Josh Frydenberg, the Federal Minister for the Environment and Energy, has invited the AFCCC to sit on the steering committee shaping and implementing the policies that will support the National Food Waste Strategy. “We will help the Federal Government as much as we can,” said Mitchell. “For us, a major priority will be establishing a decent code of practice for the carriage of chilled and fresh produce, a document that the industry is missing.

“While most of the developed world is on the cusp on taking initiatives to stem food wastage, at present it’s more talk than action. I think Frydenberg is to be congratulated on having developed a formal, national food waste reduction strategy – it’s a little bit visionary.”

The AFCCC has entered into a partnership with the National Road Transport Association (NatRoad), with the groups working together to revise and rewrite the code of practice for the road transportation of fresh product, a “long overdue” update, according to Mitchell. “The code of practice that is in place currently was a voluntary guide put together by the now-defunct Australian United Fresh Transport Advisory Council,” he said. “We’re going to review and rewrite the document, so that it can support legal implementation.”

The AFCCC is also keen to raise industry awareness of Hazard Analysis and Critical Control Points (HACCP) in ambient and cold food supply chains, with a view to eventually developing an accreditation program.

“Very few trucks or loading docks in Australia have temperature monitoring, even though the technology is available,” said Mitchell. “The nation’s cold chain compliance is behind other developed nations, and Europe is leading the way.
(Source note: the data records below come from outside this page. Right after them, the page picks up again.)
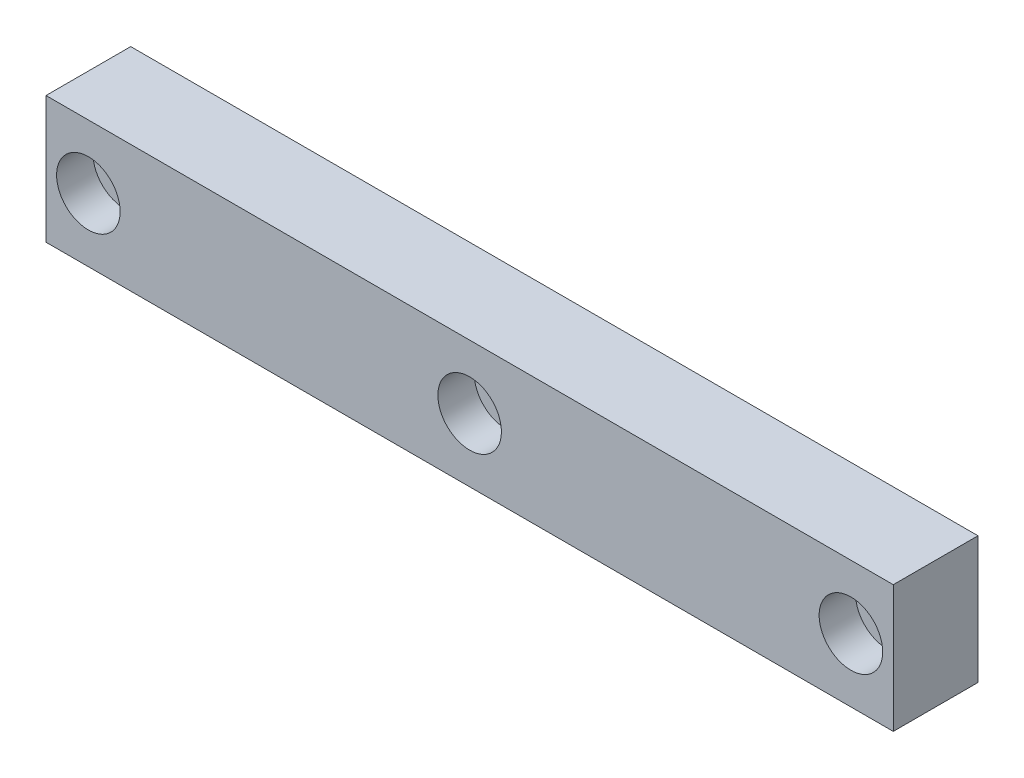
from build123d import *

# Parameters (mm, degrees)
SKETCH_1_W                   = 200
SKETCH_1_H                   = 30
EXTRUDE_1_DEPTH              = 20
HOLE_WIZARD_M8_1_D           = 9
HOLE_WIZARD_M8_1_CBORE_D     = 15
HOLE_WIZARD_M8_1_CBORE_DEPTH = 8.6


with BuildPart() as part:
    # 草图1 → 凸台-拉伸1 (new body)
    with BuildSketch(Plane.XY):
        Rectangle(SKETCH_1_W, SKETCH_1_H)
    extrude(amount=EXTRUDE_1_DEPTH)

    # M8 六角凹头螺钉的柱形沉头孔1 (through all)
    with Locations(Plane.XY.offset(20)):
        with Locations((0, 0), (90, 0), (-90, 0)):
            CounterBoreHole(HOLE_WIZARD_M8_1_D / 2, HOLE_WIZARD_M8_1_CBORE_D / 2, HOLE_WIZARD_M8_1_CBORE_DEPTH)


solid = part.part
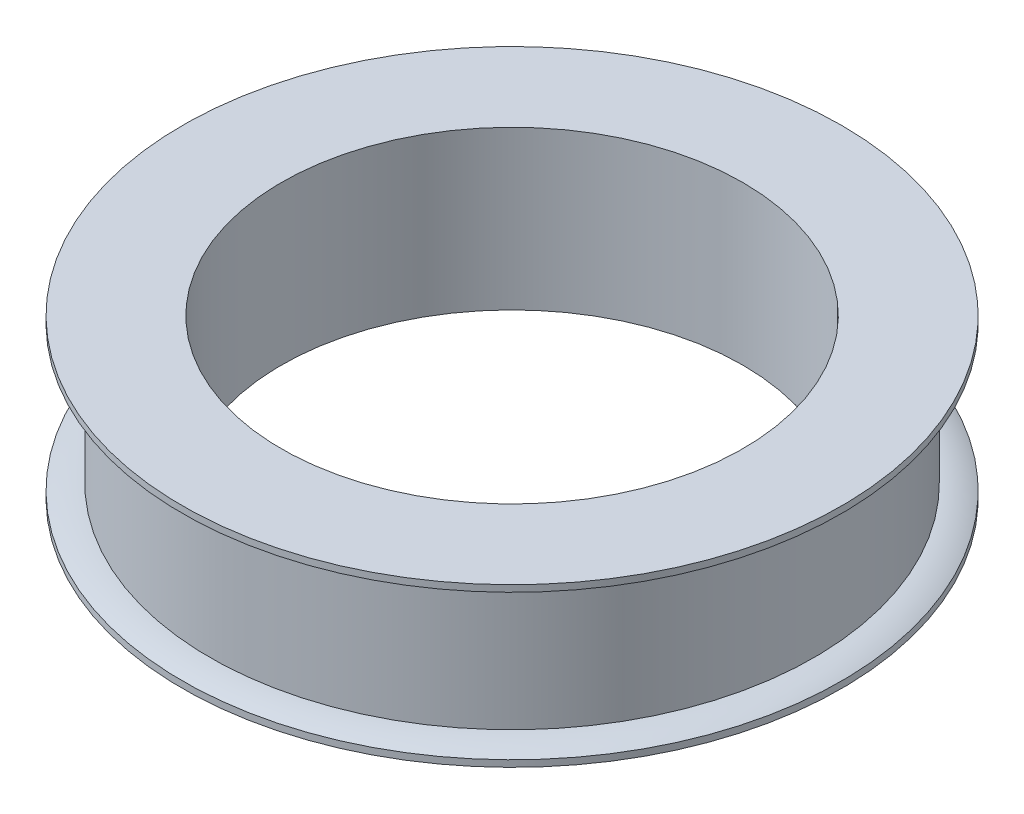
SolidWorks part; units mm, degrees
material "7075-T6"
ref_plane "Front Plane" through (0, 0, 0) normal (0, 0, 1) x (1, 0, 0)
ref_plane "Top Plane" through (0, 0, 0) normal (0, 1, 0) x (1, 0, 0)
ref_plane "Right Plane" through (0, 0, 0) normal (1, 0, 0) x (0, 0, -1)
sketch "Sketch1" plane through (0, 0, 0) normal (0, 0, 1) x (1, 0, 0)
  line L0 (17.5, 0) -> (22.92, 0) construction
  line L1 (22.92, -5) -> (22.92, 5)
  line L2 (22.92, 5) -> (20, 5)
  line L3 (20, 5) -> (20, 6)
  line L4 (20, 6) -> (17.5, 6)
  line L5 (17.5, 6) -> (17.5, -6)
  line L6 (0, 0) -> (0, 19.2388) construction
  line L7 (20, -6) -> (17.5, -6)
  line L8 (20, -5) -> (20, -6)
  line L9 (22.92, -5) -> (20, -5)
  dimension "D1" = 35
  dimension "D2" = 45.84
  dimension "D3" = 40
  dimension "D4" = 10
  dimension "D5" = 12
revolve "Revolve1" add sketch "Sketch1" angle 360 about L6
sketch "Sketch2" plane through (0, 0, 0) normal (0, 0, 1) x (1, 0, 0)
  line L0 (22.92, 0) -> (30.41, 0) construction
  line L1 (20, 5) -> (22.92, 5)
  line L2 (20, 5) -> (20, 6)
  line L3 (20, 6) -> (25, 6)
  line L4 (25, 5.5) -> (25, 6)
  line L5 (22.92, -5) -> (22.92, 5) construction
  line L6 (20, 6) -> (-20, 6) construction
  line L7 (0, 0) -> (0, 7.8829) construction
  line L12 (25, -5.5) -> (25, -6)
  line L13 (20, -6) -> (25, -6)
  line L14 (20, -5) -> (20, -6)
  line L15 (20, -5) -> (22.92, -5)
  arc A0 (22.92, 5) -> (25, 5.5) centre (22.8184, 9.999) ccw
  arc A1 (22.92, -5) -> (25, -5.5) centre (22.8184, -9.999) cw
  dimension "D3" = 5
  dimension "D1" = 50
  dimension "D2" = 0.5
revolve "Revolve2" add sketch "Sketch2" angle 360 about L7

We want to spread the word about the HACCP principles, to show businesses how to improve food safety and gain better control over their supply chain.”

After that, he said, the end goal is to get every stakeholder carrying food for Australian consumers involved in an accreditation program – through a common desire to do better, ideally, rather than through fear of legal reproach. “We believe there’s a better way to go about bringing in better standards than by enforcing strict legislation – there are already more than enough rules to follow in Australia,” he said.

“We want this to be about doing the right thing, for the right reasons – and it won’t hurt companies’ triple bottom lines when consumers see the steps they’re taking to help end hunger, reduce their impact on the environment and maintain quality and food safety.”

Mitchell hopes that the coming years will see a shift in the way Australia’s cold chain, retailers and consumers think about the food they buy, eat and discard.

“It is my wish and the AFCCC’s wish to enable and empower the logistics industry, food producers, supermarkets and all other stakeholders to voluntarily do some heavy lifting to bring about a compliant, quality cold-chain and supply environment,” he said.